Cryptography Utilities

Constant Time Compare

Performs timing-safe string comparison to prevent timing attacks when validating secrets, tokens, or passwords. Available via MCP in Cursor and other AI editors, or REST API at /v1/crypto/constant-time-compare. Takes two strings and returns boolean equality without leaking length or content information through execution time. Essential for secure authentication flows.

API Endpoint

GET /v1/crypto/constant-time-compare

Code Examples

curl "https://tinyfn.io/v1/crypto/constant-time-compare" \
  -H "X-API-Key: YOUR_API_KEY"
const response = await fetch('https://tinyfn.io/v1/crypto/constant-time-compare', {
  headers: { 'X-API-Key': 'YOUR_API_KEY' }
});
const data = await response.json();
console.log(data);
import requests

response = requests.get('https://tinyfn.io/v1/crypto/constant-time-compare',
    headers={'X-API-Key': 'YOUR_API_KEY'})
data = response.json()
print(data)

Use via MCP

Add to your AI agent

Connect your AI agent (Claude, Cursor, Windsurf, etc.) to TinyFn's cryptography tools:

{
  "mcpServers": {
    "tinyfn-crypto": {
      "url": "https://tinyfn.io/mcp/crypto",
      "headers": {
        "X-API-Key": "YOUR_API_KEY"
      }
    }
  }
}

Learn more about MCP setup →

FAQ

What is constant time comparison and why do I need it?

Constant time comparison prevents timing attacks where attackers measure how long string comparisons take to guess secrets.

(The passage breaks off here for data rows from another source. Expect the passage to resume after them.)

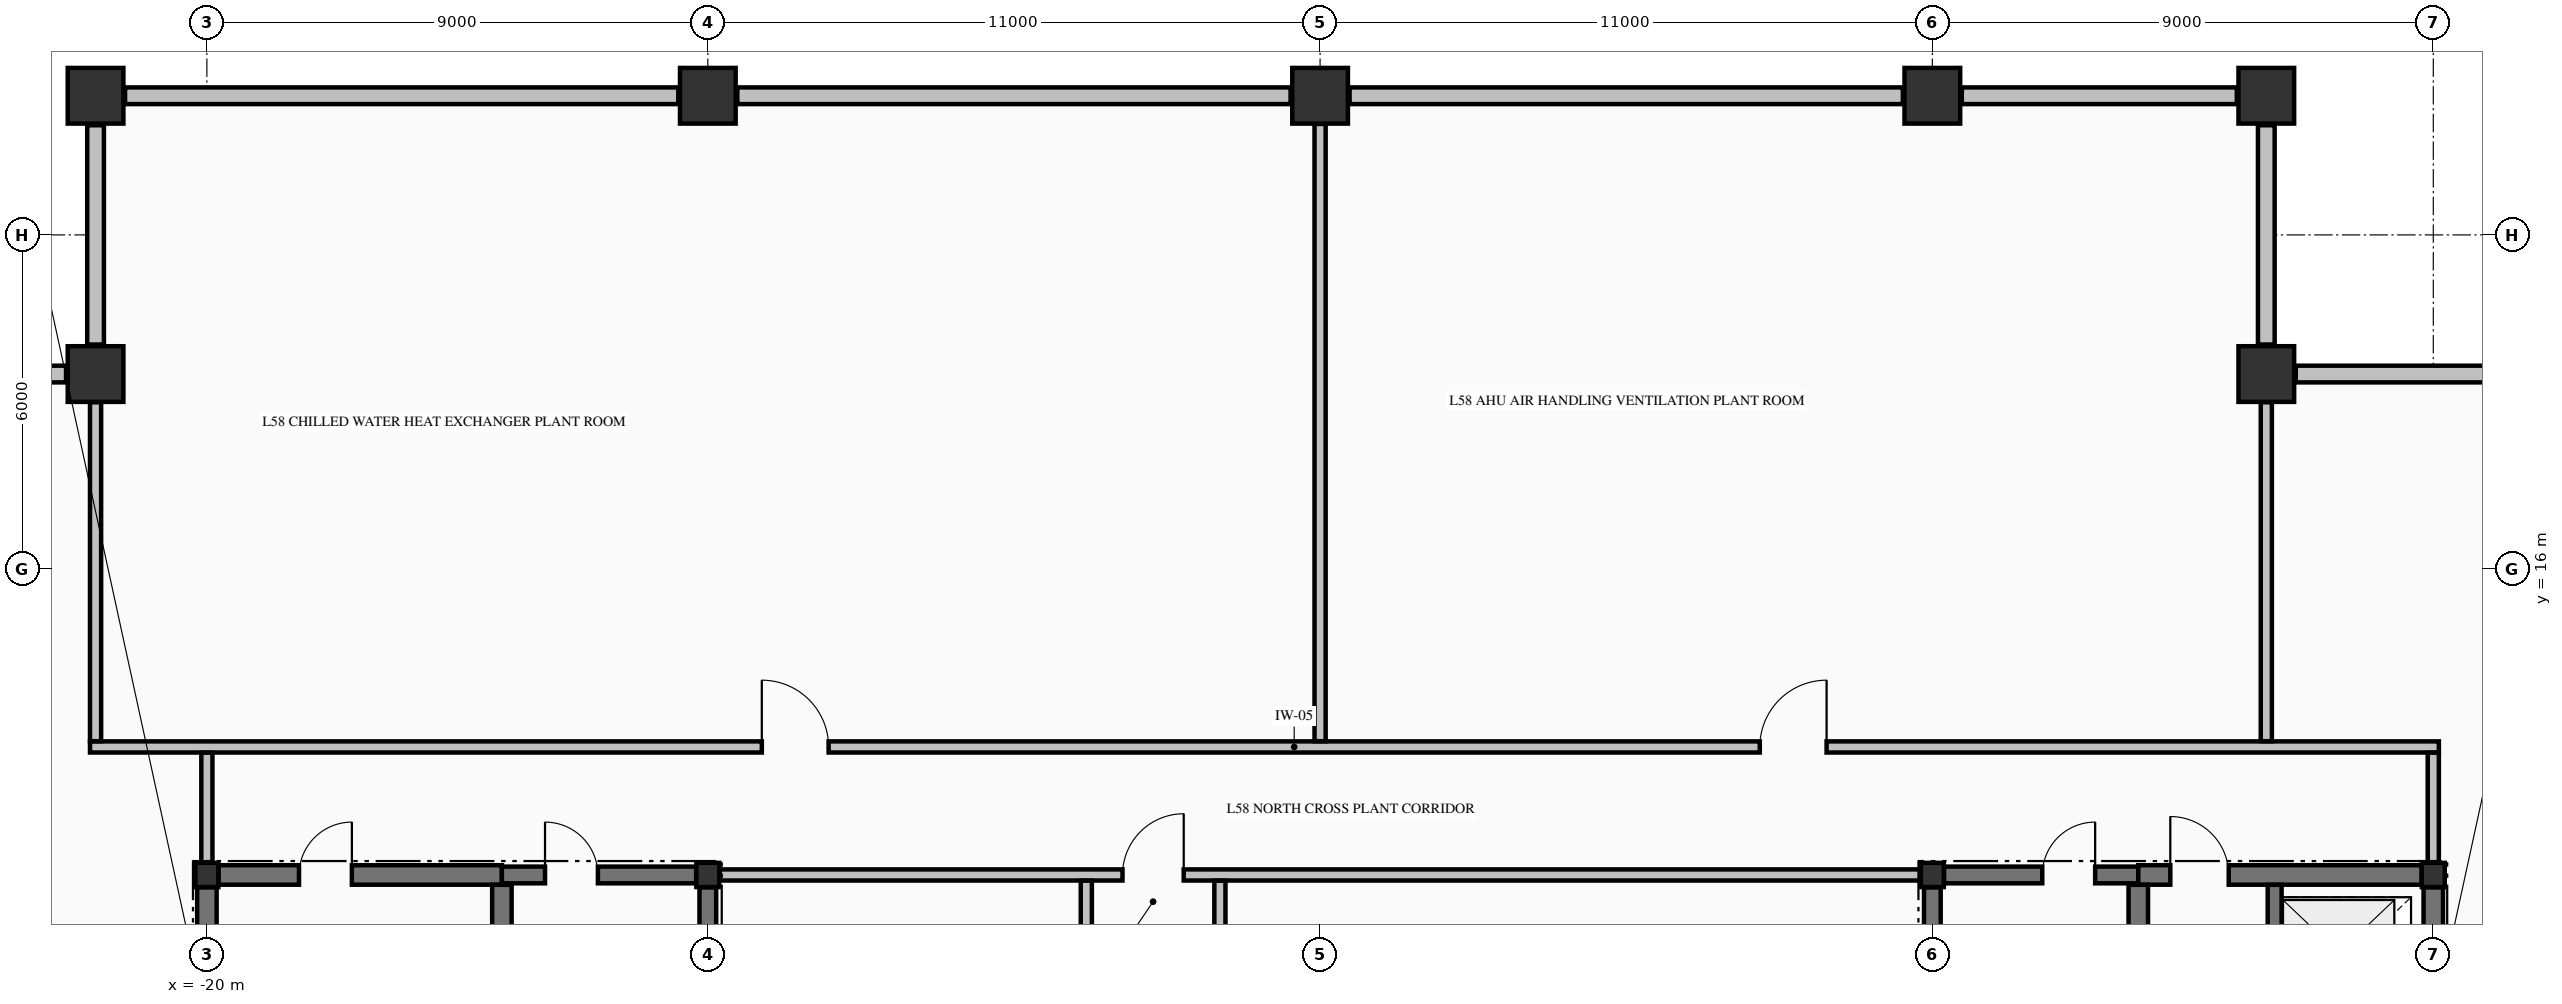
"""IFC4 building model, lengths in metres.
Left out: names, types, materials, properties, quantities, classifications, styles, units other than length and angle.
Written with IfcOpenShell. Run it as: python <this file> out.ifc"""

import sys

from ifc_helpers import new_model, si_unit, direction, frame, frame_2d, origin, origin_2d, place, context, subcontext, project, spatial, rectangle, i_section, extrude, element, fill, save


model = new_model("IFC4")
c1 = context("Model", 3, precision=1e-05, world=origin(), true_north=direction((0.0, 1.0)))
c2 = subcontext(c1, "Body", "Model", "MODEL_VIEW")
j1 = project(units=[si_unit("LENGTHUNIT", "METRE"), si_unit("PLANEANGLEUNIT", "RADIAN")], contexts=[c1])
p1 = place(None, origin())
s1 = spatial("IfcSite", under=j1, at=p1, CompositionType="ELEMENT")
p2 = place(p1, origin())
s2 = spatial("IfcBuilding", under=s1, at=p2, CompositionType="ELEMENT")
p3 = place(p2, frame((0.0, 0.0, 222.06)))
s3 = spatial("IfcBuildingStorey", under=s2, at=p3, CompositionType="ELEMENT", Elevation=222.06)
for number, where, z_axis, x_axis in (
    (1, (-22.0, 24.5, -0.425), (0.0, 0.0, 1.0), (1.0, 0.0, 0.0)),
    (2, (-11.0, 24.5, -0.425), (0.0, 0.0, 1.0), (1.0, 0.0, 0.0)),
    (3, (0.0, 24.5, -0.425), (0.0, 0.0, 1.0), (1.0, 0.0, 0.0)),
    (4, (11.0, 24.5, -0.425), (0.0, 0.0, 1.0), (1.0, 0.0, 0.0)),
    (5, (17.0, 24.5, -0.425), (0.0, 0.0, 1.0), (1.0, 0.0, 0.0)),
    (6, (17.0, 19.5, -0.425), (0.0, 0.0, 1.0), (1.0, 0.0, 0.0)),
    (7, (-22.0, 19.5, -0.425), (0.0, 0.0, 1.0), (1.0, 0.0, 0.0)),
):
    element("IfcColumn", number, at=place(p3, frame(where, z_axis=z_axis, x_axis=x_axis)), inside=s3, PredefinedType="COLUMN", context=c2, shape_type="SweptSolid", body=[
        extrude(rectangle(XDim=1.0, YDim=1.0, at=origin_2d()), origin(), (0.0, 0.0, 1.0), 4.76),
    ])
for number, where, z_axis, x_axis in (
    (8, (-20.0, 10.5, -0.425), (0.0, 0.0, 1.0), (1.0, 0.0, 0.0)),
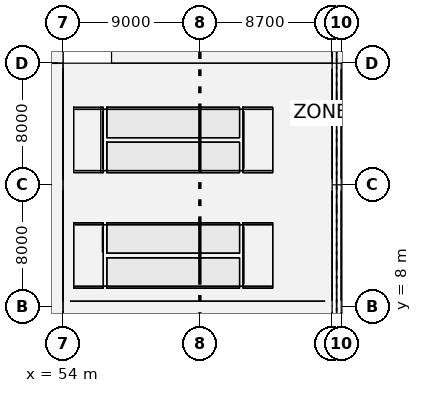
"""IFC4 building model, lengths in metres.
Left out: names, types, materials, properties, quantities, classifications, styles, units other than length and angle.
Written with IfcOpenShell. Run it as: python <this file> out.ifc"""

import sys

from ifc_helpers import new_model, si_unit, direction, frame, frame_2d, origin, origin_2d, place, context, subcontext, project, spatial, rectangle, hollow_rectangle, extrude, element, fill, save


model = new_model("IFC4")
c1 = context("Model", 3, precision=1e-05, world=origin(), true_north=direction((0.0, 1.0)))
c2 = subcontext(c1, "Body", "Model", "MODEL_VIEW")
j1 = project(units=[si_unit("LENGTHUNIT", "METRE"), si_unit("PLANEANGLEUNIT", "RADIAN")], contexts=[c1])
p1 = place(None, origin())
s1 = spatial("IfcSite", under=j1, at=p1, CompositionType="ELEMENT")
p2 = place(p1, origin())
s2 = spatial("IfcBuilding", under=s1, at=p2, CompositionType="ELEMENT")
p3 = place(p2, origin())
s3 = spatial("IfcBuildingStorey", under=s2, at=p3, CompositionType="ELEMENT", Elevation=0.0)
for number, where, z_axis, x_axis in (
    (1, (54.0, 8.0, -0.5), (0.0, 0.0, 1.0), (1.0, 0.0, 0.0)),
    (2, (54.0, 16.0, -0.5), (0.0, 0.0, 1.0), (1.0, 0.0, 0.0)),
    (3, (54.0, 24.0, -0.5), (0.0, 0.0, 1.0), (1.0, 0.0, 0.0)),
    (4, (63.0, 8.0, -0.5), (0.0, 0.0, 1.0), (1.0, 0.0, 0.0)),
    (5, (63.0, 16.0, -0.5), (0.0, 0.0, 1.0), (1.0, 0.0, 0.0)),
    (6, (63.0, 24.0, -0.5), (0.0, 0.0, 1.0), (1.0, 0.0, 0.0)),
):
    element("IfcColumn", number, at=place(p3, frame(where, z_axis=z_axis, x_axis=x_axis)), inside=s3, PredefinedType="COLUMN", context=c2, shape_type="SweptSolid", body=[
        extrude(rectangle(XDim=0.65, YDim=0.65, at=origin_2d()), origin(), (0.0, 0.0, 1.0), 6.8),
    ])
for number, where, z_axis, x_axis in (
    (7, (71.7, 8.0, -0.5), (0.0, 0.0, 1.0), (1.0, 0.0, 0.0)),
    (8, (71.7, 16.0, -0.5), (0.0, 0.0, 1.0), (1.0, 0.0, 0.0)),
    (9, (71.7, 24.0, -0.5), (0.0, 0.0, 1.0), (1.0, 0.0, 0.0)),
    (10, (72.3, 8.0, -0.5), (0.0, 0.0, 1.0), (1.0, 0.0, 0.0)),
    (11, (72.3, 16.0, -0.5), (0.0, 0.0, 1.0), (1.0, 0.0, 0.0)),
    (12, (72.3, 24.0, -0.5), (0.0, 0.0, 1.0), (1.0, 0.0, 0.0)),
):
    element("IfcColumn", number, at=place(p3, frame(where, z_axis=z_axis, x_axis=x_axis)), inside=s3, PredefinedType="COLUMN", context=c2, shape_type="SweptSolid", body=[
        extrude(rectangle(XDim=0.55, YDim=0.75, at=origin_2d()), origin(), (0.0, 0.0, 1.0), 6.8),
    ])
p4 = place(p3, frame((45.375, 24.0, 0.0), z_axis=(0.0, 0.0, 1.0), x_axis=(1.0, 0.0, 0.0)))
e13 = element("IfcWall", 13, at=p4, inside=s3, PredefinedType="SOLIDWALL", context=c2, shape_type="SweptSolid", body=[
    extrude(rectangle(XDim=8.3, YDim=0.38, at=frame_2d((4.15, 0.0))), origin(), (0.0, 0.0, 1.0), 5.08),
])
p5 = place(p4, frame((3.35, 0.0, 3.59)))
e14 = element("IfcOpeningElement", 14, at=p5, cuts=e13, PredefinedType="OPENING", context=c2, shape_type="SweptSolid", body=[
    extrude(rectangle(XDim=1.6, YDim=1.45, at=frame_2d((0.8, 0.725))), frame((0.0, 0.2, 0.0), z_axis=(0.0, -1.0, 0.0), x_axis=(1.0, 0.0, 0.0)), (0.0, 0.0, 1.0), 0.4),
])
p6 = place(p3, frame((71.7, 24.375, 0.0), z_axis=(0.0, 0.0, 1.0), x_axis=(0.0, 1.0, 0.0)))
e15 = element("IfcWall", 15, at=p6, inside=s3, PredefinedType="SOLIDWALL", context=c2, shape_type="SweptSolid", body=[
    extrude(rectangle(XDim=5.8, YDim=0.38, at=frame_2d((2.9, 0.0))), origin(), (0.0, 0.0, 1.0), 5.08),
])
p7 = place(p6, frame((2.825, 0.0, 3.59)))
e16 = element("IfcOpeningElement", 16, at=p7, cuts=e15, PredefinedType="OPENING", context=c2, shape_type="SweptSolid", body=[
    extrude(rectangle(XDim=1.6, YDim=1.45, at=frame_2d((0.8, 0.725))), frame((0.0, 0.2, 0.0), z_axis=(0.0, -1.0, 0.0), x_axis=(1.0, 0.0, 0.0)), (0.0, 0.0, 1.0), 0.4),
])
p8 = place(p3, frame((54.0, 0.325, 0.0), z_axis=(0.0, 0.0, 1.0), x_axis=(0.0, 1.0, 0.0)))
e17 = element("IfcWall", 17, at=p8, inside=s3, PredefinedType="SOLIDWALL", context=c2, shape_type="SweptSolid", body=[
    extrude(rectangle(XDim=7.35, YDim=0.34, at=frame_2d((3.675, 0.0))), origin(), (0.0, 0.0, 1.0), 5.23),
])
p9 = place(p8, frame((1.55, 0.0, 0.85)))
e18 = element("IfcOpeningElement", 18, at=p9, cuts=e17, PredefinedType="OPENING", context=c2, shape_type="SweptSolid", body=[
    extrude(rectangle(XDim=1.8, YDim=3.15, at=frame_2d((0.9, 1.575))), frame((0.0, 0.18, 0.0), z_axis=(0.0, -1.0, 0.0), x_axis=(1.0, 0.0, 0.0)), (0.0, 0.0, 1.0), 0.36),
])
p10 = place(p8, frame((4.0, 0.0, 0.85)))
e19 = element("IfcOpeningElement", 19, at=p10, cuts=e17, PredefinedType="OPENING", context=c2, shape_type="SweptSolid", body=[
    extrude(rectangle(XDim=1.8, YDim=3.15, at=frame_2d((0.9, 1.575))), frame((0.0, 0.18, 0.0), z_axis=(0.0, -1.0, 0.0), x_axis=(1.0, 0.0, 0.0)), (0.0, 0.0, 1.0), 0.36),
])
p11 = place(p3, frame((54.0, 8.325, 0.0), z_axis=(0.0, 0.0, 1.0), x_axis=(0.0, 1.0, 0.0)))
e20 = element("IfcWall", 20, at=p11, inside=s3, PredefinedType="SOLIDWALL", context=c2, shape_type="SweptSolid", body=[
    extrude(rectangle(XDim=7.35, YDim=0.34, at=frame_2d((3.675, 0.0))), origin(), (0.0, 0.0, 1.0), 5.23),
])
p12 = place(p11, frame((1.55, 0.0, 0.85)))
e21 = element("IfcOpeningElement", 21, at=p12, cuts=e20, PredefinedType="OPENING", context=c2, shape_type="SweptSolid", body=[
    extrude(rectangle(XDim=1.8, YDim=3.15, at=frame_2d((0.9, 1.575))), frame((0.0, 0.18, 0.0), z_axis=(0.0, -1.0, 0.0), x_axis=(1.0, 0.0, 0.0)), (0.0, 0.0, 1.0), 0.36),
])
p13 = place(p11, frame((4.0, 0.0, 0.85)))
e22 = element("IfcOpeningElement", 22, at=p13, cuts=e20, PredefinedType="OPENING", context=c2, shape_type="SweptSolid", body=[
    extrude(rectangle(XDim=1.8, YDim=3.15, at=frame_2d((0.9, 1.575))), frame((0.0, 0.18, 0.0), z_axis=(0.0, -1.0, 0.0), x_axis=(1.0, 0.0, 0.0)), (0.0, 0.0, 1.0), 0.36),
])
p14 = place(p3, frame((54.0, 16.325, 0.0), z_axis=(0.0, 0.0, 1.0), x_axis=(0.0, 1.0, 0.0)))
e23 = element("IfcWall", 23, at=p14, inside=s3, PredefinedType="SOLIDWALL", context=c2, shape_type="SweptSolid", body=[
    extrude(rectangle(XDim=7.35, YDim=0.34, at=frame_2d((3.675, 0.0))), origin(), (0.0, 0.0, 1.0), 5.23),
])
p15 = place(p14, frame((1.55, 0.0, 0.85)))
e24 = element("IfcOpeningElement", 24, at=p15, cuts=e23, PredefinedType="OPENING", context=c2, shape_type="SweptSolid", body=[
    extrude(rectangle(XDim=1.8, YDim=3.15, at=frame_2d((0.9, 1.575))), frame((0.0, 0.18, 0.0), z_axis=(0.0, -1.0, 0.0), x_axis=(1.0, 0.0, 0.0)), (0.0, 0.0, 1.0), 0.36),
])
p16 = place(p14, frame((4.0, 0.0, 0.85)))
e25 = element("IfcOpeningElement", 25, at=p16, cuts=e23, PredefinedType="OPENING", context=c2, shape_type="SweptSolid", body=[
    extrude(rectangle(XDim=1.8, YDim=3.15, at=frame_2d((0.9, 1.575))), frame((0.0, 0.18, 0.0), z_axis=(0.0, -1.0, 0.0), x_axis=(1.0, 0.0, 0.0)), (0.0, 0.0, 1.0), 0.36),
])
p17 = place(p3, frame((71.7, 0.375, 0.0), z_axis=(0.0, 0.0, 1.0), x_axis=(0.0, 1.0, 0.0)))
e26 = element("IfcWall", 26, at=p17, inside=s3, PredefinedType="SOLIDWALL", context=c2, shape_type="SweptSolid", body=[
    extrude(rectangle(XDim=7.25, YDim=0.34, at=frame_2d((3.625, 0.0))), origin(), (0.0, 0.0, 1.0), 4.98),
])
p18 = place(p17, frame((1.517, 0.0, 0.85)))
e27 = element("IfcOpeningElement", 27, at=p18, cuts=e26, PredefinedType="OPENING", context=c2, shape_type="SweptSolid", body=[
    extrude(rectangle(XDim=1.8, YDim=3.15, at=frame_2d((0.9, 1.575))), frame((0.0, 0.18, 0.0), z_axis=(0.0, -1.0, 0.0), x_axis=(1.0, 0.0, 0.0)), (0.0, 0.0, 1.0), 0.36),
])
p19 = place(p17, frame((3.933, 0.0, 0.85)))
e28 = element("IfcOpeningElement", 28, at=p19, cuts=e26, PredefinedType="OPENING", context=c2, shape_type="SweptSolid", body=[
    extrude(rectangle(XDim=1.8, YDim=3.15, at=frame_2d((0.9, 1.575))), frame((0.0, 0.18, 0.0), z_axis=(0.0, -1.0, 0.0), x_axis=(1.0, 0.0, 0.0)), (0.0, 0.0, 1.0), 0.36),
])
p20 = place(p3, frame((71.7, 8.375, 0.0), z_axis=(0.0, 0.0, 1.0), x_axis=(0.0, 1.0, 0.0)))
e29 = element("IfcWall", 29, at=p20, inside=s3, PredefinedType="SOLIDWALL", context=c2, shape_type="SweptSolid", body=[
    extrude(rectangle(XDim=7.25, YDim=0.34, at=frame_2d((3.625, 0.0))), origin(), (0.0, 0.0, 1.0), 4.98),
])
p21 = place(p20, frame((1.517, 0.0, 0.85)))
e30 = element("IfcOpeningElement", 30, at=p21, cuts=e29, PredefinedType="OPENING", context=c2, shape_type="SweptSolid", body=[
    extrude(rectangle(XDim=1.8, YDim=3.15, at=frame_2d((0.9, 1.575))), frame((0.0, 0.18, 0.0), z_axis=(0.0, -1.0, 0.0), x_axis=(1.0, 0.0, 0.0)), (0.0, 0.0, 1.0), 0.36),
])
p22 = place(p20, frame((3.933, 0.0, 0.85)))
e31 = element("IfcOpeningElement", 31, at=p22, cuts=e29, PredefinedType="OPENING", context=c2, shape_type="SweptSolid", body=[
    extrude(rectangle(XDim=1.8, YDim=3.15, at=frame_2d((0.9, 1.575))), frame((0.0, 0.18, 0.0), z_axis=(0.0, -1.0, 0.0), x_axis=(1.0, 0.0, 0.0)), (0.0, 0.0, 1.0), 0.36),
])
p23 = place(p3, frame((71.7, 16.375, 0.0), z_axis=(0.0, 0.0, 1.0), x_axis=(0.0, 1.0, 0.0)))
e32 = element("IfcWall", 32, at=p23, inside=s3, PredefinedType="SOLIDWALL", context=c2, shape_type="SweptSolid", body=[
    extrude(rectangle(XDim=7.25, YDim=0.34, at=frame_2d((3.625, 0.0))), origin(), (0.0, 0.0, 1.0), 4.98),
])
p24 = place(p23, frame((1.517, 0.0, 0.85)))
e33 = element("IfcOpeningElement", 33, at=p24, cuts=e32, PredefinedType="OPENING", context=c2, shape_type="SweptSolid", body=[
    extrude(rectangle(XDim=1.8, YDim=3.15, at=frame_2d((0.9, 1.575))), frame((0.0, 0.18, 0.0), z_axis=(0.0, -1.0, 0.0), x_axis=(1.0, 0.0, 0.0)), (0.0, 0.0, 1.0), 0.36),
])
p25 = place(p23, frame((3.933, 0.0, 0.85)))
e34 = element("IfcOpeningElement", 34, at=p25, cuts=e32, PredefinedType="OPENING", context=c2, shape_type="SweptSolid", body=[
    extrude(rectangle(XDim=1.8, YDim=3.15, at=frame_2d((0.9, 1.575))), frame((0.0, 0.18, 0.0), z_axis=(0.0, -1.0, 0.0), x_axis=(1.0, 0.0, 0.0)), (0.0, 0.0, 1.0), 0.36),
])
p26 = place(p3, frame((72.3, 0.375, 0.0), z_axis=(0.0, 0.0, 1.0), x_axis=(0.0, 1.0, 0.0)))
e35 = element("IfcWall", 35, at=p26, inside=s3, PredefinedType="SOLIDWALL", context=c2, shape_type="SweptSolid", body=[
    extrude(rectangle(XDim=7.25, YDim=0.34, at=frame_2d((3.625, 0.0))), origin(), (0.0, 0.0, 1.0), 5.1),
])
p27 = place(p26, frame((1.517, 0.0, 0.85)))
e36 = element("IfcOpeningElement", 36, at=p27, cuts=e35, PredefinedType="OPENING", context=c2, shape_type="SweptSolid", body=[
    extrude(rectangle(XDim=1.8, YDim=3.15, at=frame_2d((0.9, 1.575))), frame((0.0, 0.18, 0.0), z_axis=(0.0, -1.0, 0.0), x_axis=(1.0, 0.0, 0.0)), (0.0, 0.0, 1.0), 0.36),
])
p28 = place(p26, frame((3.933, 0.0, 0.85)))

Regular string comparison exits early on the first differing character, leaking information through execution time.

How do I use constant time compare in my MCP-enabled AI assistant?

Call the tool with two strings to compare: the secret you're validating against and the user-provided value. It returns true/false without revealing timing information that could help attackers.

When should I use this instead of regular string comparison?

Use for comparing passwords, API keys, CSRF tokens, or any authentication secrets. Never use regular == or === for security-sensitive comparisons as they're vulnerable to timing attacks.

Does constant time compare work with different string lengths?

Yes, it safely compares strings of any length. The function always takes the same amount of time regardless of input length or how many characters match.

Can I use this for comparing hashed passwords?

Absolutely. This is perfect for comparing bcrypt hashes, PBKDF2 outputs, or any hashed credentials where timing leaks could help attackers mount offline attacks.